毎年8月は、陽の「イベント月」だった。オーストラリア、シドニー周辺は過ごしやすい季節だ。幼馴染がたくさんいる。ダディの教会のお手伝いも楽しい。
金髪で青い目の陽が自分らしく自由でいられる場所は日本には無かった。
今年の夏も行くはずだったのに母からストップをかけられた。
「夏休みに今後のことをママとじっくり話し合いましょう。」
『今後のこと』とは進路のことだと陽は察した。考えてなかった訳ではなかった。字を読むのに酷く時間がかかる自分に何ができるかなと考えていたつもりだった。
8月4日の夜、母と娘は2人で今後のことを話し合った。
陽は、その時に一枚の絵を筒の様に丸めて持っていた。それを母、穂月に渡して言った。
「それはフーちゃんが描いたの。上手でしょう?私は未だ下手っぴだから…上手に描けるように専門学校に行きたいの。入学試験の無い学校で。そこで絵を習うの。字を読む仕事は無理よ。資格も取れない。」
穂月は絵を見ると顔色を変えた。
それは繊細な線で描かれたBLのラブシーンのイラストだった。穂月が冷静だったら、ふみこの絵の技量の高さに目が行ったことだろう。だが、穂月は描かれていた裸の男性が抱き合う姿を見た瞬間にキレてしまった。
「絵ってコレなの?こういうのを描くの?それを仕事にするの?内田さんも陽もこんなもの描いていたの?18の娘が男の同性愛の、それも、こんな…穢らわしい!」
「ママ、これはBLという一つのジャンルよ。愛には色々な形があるのよ。

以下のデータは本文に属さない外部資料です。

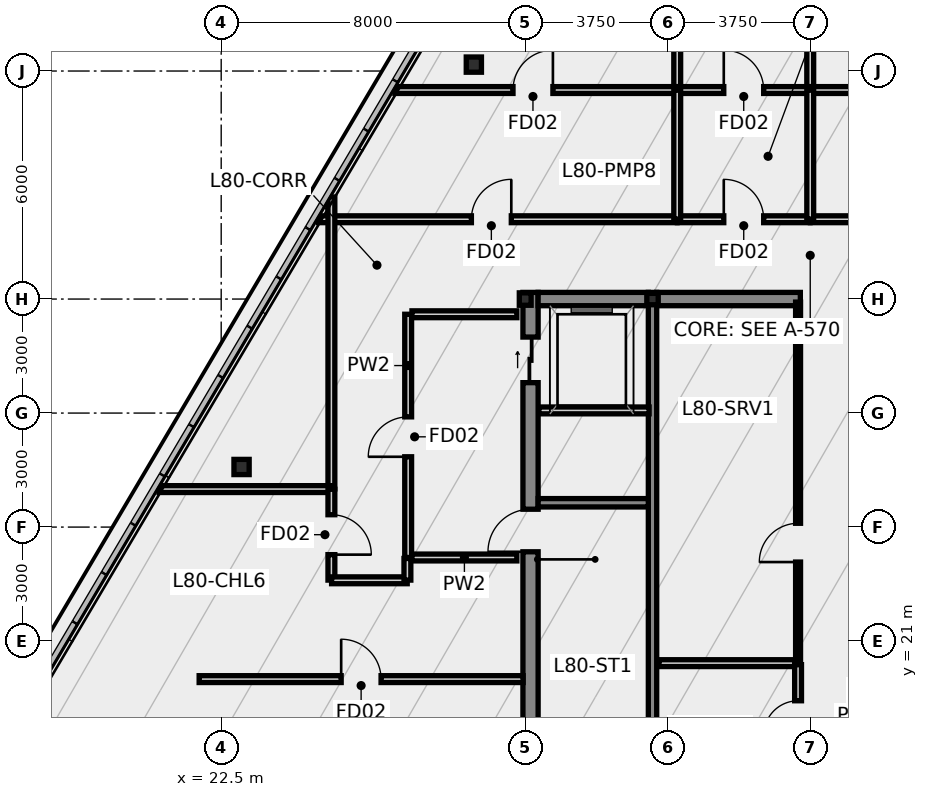
"""IFC4 building model, lengths in metres.
Left out: names, types, materials, properties, quantities, classifications, styles, units other than length and angle.
Written with IfcOpenShell. Run it as: python <this file> out.ifc"""

import sys

from ifc_helpers import new_model, si_unit, direction, frame, frame_2d, origin, origin_2d, place, context, subcontext, project, spatial, rectangle, hollow_rectangle, i_section, extrude, source, transform, mapped, element, fill, save


model = new_model("IFC4")
c1 = context("Model", 3, precision=1e-05, world=origin(), true_north=direction((0.0, 1.0)))
c2 = subcontext(c1, "Body", "Model", "MODEL_VIEW")
j1 = project(units=[si_unit("LENGTHUNIT", "METRE"), si_unit("PLANEANGLEUNIT", "RADIAN")], contexts=[c1])
p1 = place(None, origin())
s1 = spatial("IfcSite", under=j1, at=p1, CompositionType="ELEMENT")
p2 = place(p1, origin())
s2 = spatial("IfcBuilding", under=s1, at=p2, CompositionType="ELEMENT")
p3 = place(p2, frame((0.0, 0.0, 303.4)))
s3 = spatial("IfcBuildingStorey", under=s2, at=p3, CompositionType="ELEMENT", Elevation=303.4)
m1 = source(origin(), c2, "Body", "SweptSolid", [
    extrude(i_section(OverallWidth=0.311, OverallDepth=0.327, WebThickness=0.016, FlangeThickness=0.025, at=origin_2d()), origin(), (0.0, 0.0, 1.0), 9.301),
])
p4 = place(p3, frame((30.5, 30.0, 0.0), z_axis=(0.0, 0.0, 1.0), x_axis=(1.0, 0.0, 0.0)))
e1 = element("IfcColumn", 1, at=p4, inside=s3, PredefinedType="COLUMN", context=c2, shape_type="MappedRepresentation", body=[
    mapped(m1, transform((0.0, 0.0, 0.0), scale=1.0)),
])
m2 = source(origin(), c2, "Body", "SweptSolid", [
    extrude(hollow_rectangle(XDim=0.3, YDim=0.3, WallThickness=0.012, at=origin_2d()), origin(), (0.0, 0.0, 1.0), 9.661),
])
p5 = place(p3, frame((33.85, 30.0, 0.0), z_axis=(0.0, 0.0, 1.0), x_axis=(1.0, 0.0, 0.0)))
e2 = element("IfcColumn", 2, at=p5, inside=s3, PredefinedType="COLUMN", context=c2, shape_type="MappedRepresentation", body=[
    mapped(m2, transform((0.0, 0.0, 0.0), scale=1.0)),
])
p6 = place(p3, frame((30.64, 17.05, 0.0), z_axis=(0.0, 0.0, 1.0), x_axis=(0.0, 1.0, 0.0)))
e3 = element("IfcWall", 3, at=p6, inside=s3, PredefinedType="SHEAR", context=c2, shape_type="SweptSolid", body=[
    extrude(rectangle(XDim=13.125, YDim=0.4, at=frame_2d((6.562, 0.0))), origin(), (0.0, 0.0, 1.0), 6.87),
])
p7 = place(p6, frame((6.3, 0.0, 0.0)))
e4 = element("IfcOpeningElement", 4, at=p7, cuts=e3, PredefinedType="OPENING", context=c2, shape_type="SweptSolid", body=[
    extrude(rectangle(XDim=1.12, YDim=2.15, at=frame_2d((0.56, 1.075))), frame((0.0, 0.212, 0.0), z_axis=(0.0, -1.0, 0.0), x_axis=(1.0, 0.0, 0.0)), (0.0, 0.0, 1.0), 0.424),
])
p8 = place(p6, frame((10.75, 0.0, 0.0)))
e5 = element("IfcOpeningElement", 5, at=p8, cuts=e3, PredefinedType="OPENING", context=c2, shape_type="SweptSolid", body=[
    extrude(rectangle(XDim=1.2, YDim=2.2, at=frame_2d((0.6, 1.1))), frame((0.0, 0.212, 0.0), z_axis=(0.0, -1.0, 0.0), x_axis=(1.0, 0.0, 0.0)), (0.0, 0.0, 1.0), 0.424),
])
p9 = place(p3, frame((30.84, 30.0, 0.0), z_axis=(0.0, 0.0, 1.0), x_axis=(1.0, 0.0, 0.0)))
e6 = element("IfcWall", 6, at=p9, inside=s3, PredefinedType="SHEAR", context=c2, shape_type="SweptSolid", body=[
    extrude(rectangle(XDim=2.9, YDim=0.35, at=frame_2d((1.45, 0.0))), origin(), (0.0, 0.0, 1.0), 6.87),
])
p10 = place(p3, frame((33.96, 30.0, 0.0), z_axis=(0.0, 0.0, 1.0), x_axis=(1.0, 0.0, 0.0)))
e7 = element("IfcWall", 7, at=p10, inside=s3, PredefinedType="SHEAR", context=c2, shape_type="SweptSolid", body=[
    extrude(rectangle(XDim=3.78, YDim=0.35, at=frame_2d((1.89, 0.0))), origin(), (0.0, 0.0, 1.0), 6.87),
])
p11 = place(p3, frame((33.85, 17.05, 0.0), z_axis=(0.0, 0.0, 1.0), x_axis=(0.0, 1.0, 0.0)))
e8 = element("IfcWall", 8, at=p11, inside=s3, PredefinedType="SHEAR", context=c2, shape_type="SweptSolid", body=[
    extrude(rectangle(XDim=13.125, YDim=0.22, at=frame_2d((6.562, 0.0))), origin(), (0.0, 0.0, 1.0), 6.87),
])
p12 = place(p3, frame((30.84, 24.64, 0.0), z_axis=(0.0, 0.0, 1.0), x_axis=(1.0, 0.0, 0.0)))
e9 = element("IfcWall", 9, at=p12, inside=s3, PredefinedType="SHEAR", context=c2, shape_type="SweptSolid", body=[
    extrude(rectangle(XDim=2.9, YDim=0.22, at=frame_2d((1.45, 0.0))), origin(), (0.0, 0.0, 1.0), 6.87),
])
m3 = source(origin(), c2, "Body", "SweptSolid", [
    extrude(hollow_rectangle(XDim=0.4, YDim=0.4, WallThickness=0.016, at=origin_2d()), origin(), (0.0, 0.0, 1.0), 10.304),
])
p13 = place(p3, frame((29.148, 36.169, 0.0), z_axis=(0.0, 0.0, 1.0), x_axis=(1.0, 0.0, 0.0)))
e10 = element("IfcColumn", 10, at=p13, inside=s3, PredefinedType="COLUMN", context=c2, shape_type="MappedRepresentation", body=[
    mapped(m3, transform((0.0, 0.0, 0.0), scale=1.0)),
])
m4 = source(origin(), c2, "Body", "SweptSolid", [
    extrude(hollow_rectangle(XDim=0.4, YDim=0.4, WallThickness=0.016, at=origin_2d()), origin(), (0.0, 0.0, 1.0), 7.676),
])
p14 = place(p3, frame((23.036, 25.581, 0.0), z_axis=(0.0, 0.0, 1.0), x_axis=(1.0, 0.0, 0.0)))
e11 = element("IfcColumn", 11, at=p14, inside=s3, PredefinedType="COLUMN", context=c2, shape_type="MappedRepresentation", body=[
    mapped(m4, transform((0.0, 0.0, 0.0), scale=1.0)),
])
p15 = place(p3, frame((27.42, 23.2, 0.0), z_axis=(0.0, 0.0, 1.0), x_axis=(0.0, 1.0, 0.0)))
e12 = element("IfcWall", 12, at=p15, inside=s3, PredefinedType="PARTITIONING", context=c2, shape_type="SweptSolid", body=[
    extrude(rectangle(XDim=6.4, YDim=0.18, at=frame_2d((3.2, 0.0))), origin(), (0.0, 0.0, 1.0), 3.15),
])
p16 = place(p15, frame((2.65, 0.0, 0.0)))
e13 = element("IfcOpeningElement", 13, at=p16, cuts=e12, PredefinedType="OPENING", context=c2, shape_type="SweptSolid", body=[
    extrude(rectangle(XDim=1.05, YDim=2.15, at=frame_2d((0.525, 1.075))), frame((0.0, 0.102, 0.0), z_axis=(0.0, -1.0, 0.0), x_axis=(1.0, 0.0, 0.0)), (0.0, 0.0, 1.0), 0.204),
])
for number, where, z_axis, x_axis in (
    (14, (27.52, 23.2, 0.0), (0.0, 0.0, 1.0), (1.0, 0.0, 0.0)),
    (15, (27.52, 29.6, 0.0), (0.0, 0.0, 1.0), (1.0, 0.0, 0.0)),
):
    element("IfcWall", number, at=place(p3, frame(where, z_axis=z_axis, x_axis=x_axis)), inside=s3, PredefinedType="PARTITIONING", context=c2, shape_type="SweptSolid", body=[
        extrude(rectangle(XDim=2.76, YDim=0.18, at=frame_2d((1.38, 0.0))), origin(), (0.0, 0.0, 1.0), 3.15),
    ])
p17 = place(p3, frame((30.86, 27.07, 0.0), z_axis=(0.0, 0.0, 1.0), x_axis=(1.0, 0.0, 0.0)))
e16 = element("IfcWall", 16, at=p17, inside=s3, PredefinedType="PARTITIONING", context=c2, shape_type="SweptSolid", body=[
    extrude(rectangle(XDim=2.9, YDim=0.18, at=frame_2d((1.45, 0.0))), origin(), (0.0, 0.0, 1.0), 3.15),
])
p18 = place(p3, frame((34.02, 20.42, 0.0), z_axis=(0.0, 0.0, 1.0), x_axis=(1.0, 0.0, 0.0)))
e17 = element("IfcWall", 17, at=p18, inside=s3, PredefinedType="PARTITIONING", context=c2, shape_type="SweptSolid", body=[
    extrude(rectangle(XDim=3.64, YDim=0.18, at=frame_2d((1.82, 0.0))), origin(), (0.0, 0.0, 1.0), 3.15),
])
p19 = place(p3, frame((37.68, 20.48, 0.0), z_axis=(0.0, 0.0, 1.0), x_axis=(0.0, 1.0, 0.0)))
e18 = element("IfcWall", 18, at=p19, inside=s3, PredefinedType="PARTITIONING", context=c2, shape_type="SweptSolid", body=[
    extrude(rectangle(XDim=9.44, YDim=0.13, at=frame_2d((4.72, 0.0))), origin(), (0.0, 0.0, 1.0), 3.15),
])
p20 = place(p19, frame((2.6, 0.0, 0.0)))
e19 = element("IfcOpeningElement", 19, at=p20, cuts=e18, PredefinedType="OPENING", context=c2, shape_type="SweptSolid", body=[
    extrude(rectangle(XDim=1.02, YDim=2.15, at=frame_2d((0.51, 1.075))), frame((0.0, 0.077, 0.0), z_axis=(0.0, -1.0, 0.0), x_axis=(1.0, 0.0, 0.0)), (0.0, 0.0, 1.0), 0.154),
])
p21 = place(p3, frame((37.68, 17.68, 0.0), z_axis=(0.0, 0.0, 1.0), x_axis=(0.0, 1.0, 0.0)))
e20 = element("IfcWall", 20, at=p21, inside=s3, PredefinedType="PARTITIONING", context=c2, shape_type="SweptSolid", body=[
    extrude(rectangle(XDim=2.7, YDim=0.18, at=frame_2d((1.35, 0.0))), origin(), (0.0, 0.0, 1.0), 3.15),
])
p22 = place(p21, frame((0.85, 0.0, 0.0)))
e21 = element("IfcOpeningElement", 21, at=p22, cuts=e20, PredefinedType="OPENING", context=c2, shape_type="SweptSolid", body=[
    extrude(rectangle(XDim=0.9, YDim=2.1, at=frame_2d((0.45, 1.05))), frame((0.0, 0.102, 0.0), z_axis=(0.0, -1.0, 0.0), x_axis=(1.0, 0.0, 0.0)), (0.0, 0.0, 1.0), 0.204),
])
p23 = place(p3, frame((38.0, 35.505, 0.0), z_axis=(0.0, 0.0, 1.0), x_axis=(0.0, 1.0, 0.0)))
e22 = element("IfcWall", 22, at=p23, inside=s3, PredefinedType="PARTITIONING", context=c2, shape_type="SweptSolid", body=[
    extrude(rectangle(XDim=15.693, YDim=0.18, at=frame_2d((7.847, 0.0))), origin(), (0.0, 0.0, 1.0), 3.15),
])
p24 = place(p3, frame((34.5, 35.505, 0.0), z_axis=(0.0, 0.0, 1.0), x_axis=(0.0, 1.0, 0.0)))
e23 = element("IfcWall", 23, at=p24, inside=s3, PredefinedType="PARTITIONING", context=c2, shape_type="SweptSolid", body=[
    extrude(rectangle(XDim=12.574, YDim=0.18, at=frame_2d((6.287, 0.0))), origin(), (0.0, 0.0, 1.0), 3.15),
])
p25 = place(p3, frame((25.062, 32.1, 0.0), z_axis=(0.0, 0.0, 1.0), x_axis=(1.0, 0.0, 0.0)))
e24 = element("IfcWall", 24, at=p25, inside=s3, PredefinedType="PARTITIONING", context=c2, shape_type="SweptSolid", body=[
    extrude(rectangle(XDim=9.433, YDim=0.18, at=frame_2d((4.717, 0.0))), origin(), (0.0, 0.0, 1.0), 3.15),
])
p26 = place(p25, frame((4.022, 0.0, 0.0)))
e25 = element("IfcOpeningElement", 25, at=p26, cuts=e24, PredefinedType="OPENING", context=c2, shape_type="SweptSolid", body=[
    extrude(rectangle(XDim=1.05, YDim=2.15, at=frame_2d((0.525, 1.075))), frame((0.0, 0.102, 0.0), z_axis=(0.0, -1.0, 0.0), x_axis=(1.0, 0.0, 0.0)), (0.0, 0.0, 1.0), 0.204),
])
p27 = place(p3, frame((21.92, 20.0, 0.0), z_axis=(0.0, 0.0, 1.0), x_axis=(1.0, 0.0, 0.0)))
e26 = element("IfcWall", 26, at=p27, inside=s3, PredefinedType="PARTITIONING", context=c2, shape_type="SweptSolid", body=[
    extrude(rectangle(XDim=8.525, YDim=0.18, at=frame_2d((4.263, 0.0))), origin(), (0.0, 0.0, 1.0), 3.15),
])
p28 = place(p27, frame((3.737, 0.0, 0.0)))
e27 = element("IfcOpeningElement", 27, at=p28, cuts=e26, PredefinedType="OPENING", context=c2, shape_type="SweptSolid", body=[
    extrude(rectangle(XDim=1.05, YDim=2.15, at=frame_2d((0.525, 1.075))), frame((0.0, 0.102, 0.0), z_axis=(0.0, -1.0, 0.0), x_axis=(1.0, 0.0, 0.0)), (0.0, 0.0, 1.0), 0.204),
])
p29 = place(p3, frame((27.072, 35.5, 0.0), z_axis=(0.0, 0.0, 1.0), x_axis=(1.0, 0.0, 0.0)))
e28 = element("IfcWall", 28, at=p29, inside=s3, PredefinedType="PARTITIONING", context=c2, shape_type="SweptSolid", body=[
    extrude(rectangle(XDim=7.423, YDim=0.18, at=frame_2d((3.712, 0.0))), origin(), (0.0, 0.0, 1.0), 3.15),
])
p30 = place(p29, frame((3.107, 0.0, 0.0)))
e29 = element("IfcOpeningElement", 29, at=p30, cuts=e28, PredefinedType="OPENING", context=c2, shape_type="SweptSolid", body=[
    extrude(rectangle(XDim=1.05, YDim=2.15, at=frame_2d((0.525, 1.075))), frame((0.0, 0.102, 0.0), z_axis=(0.0, -1.0, 0.0), x_axis=(1.0, 0.0, 0.0)), (0.0, 0.0, 1.0), 0.204),
])
p31 = place(p3, frame((25.4, 25.005, 0.0), z_axis=(0.0, 0.0, 1.0), x_axis=(0.0, 1.0, 0.0)))
e30 = element("IfcWall", 30, at=p31, inside=s3, PredefinedType="PARTITIONING", context=c2, shape_type="SweptSolid", body=[
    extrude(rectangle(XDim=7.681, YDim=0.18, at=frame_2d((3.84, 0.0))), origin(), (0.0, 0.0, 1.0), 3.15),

一度、BLの本を読んでみて…そしたら分かるから…」
「そんなモノ読みたくないっ!」と穂月は叫ぶと絵を二つに引き裂き、くちゃくちゃに丸めると陽の方に投げつけた。
「酷い!フーちゃんは凄く絵が上手いのに!私にプレゼントしてくれたのよ!それを…こんな…」
陽は、紙屑になってしまった絵を拾って胸に抱くと母親を睨みつけた。
「ママには想像力と柔軟性が欠けているのよ!だから離婚になったんでしょう?離婚しても毎週FaceTimeするくらい仲がいいのに!どうして離婚なんかしたのよ!私がシドニーで育っていたら、日本になんか来なければ、見た目でイジメられることも無かったんだよ!おまけに私は字も碌に読めないバカで出来ることはすごく少ないんだよ!考えてよ!私のことを本当に心配してるんなら、私の意志を尊重してよ!」
陽は言いたいことを言うと、ふみこの絵だった紙屑を自分の部屋に置き、玄関のドアを開けて外に飛び出した。
あれは何時ごろだった?
覚えているのは月…三日月。
私は安心できる何処かに行こうとしていた…気がする。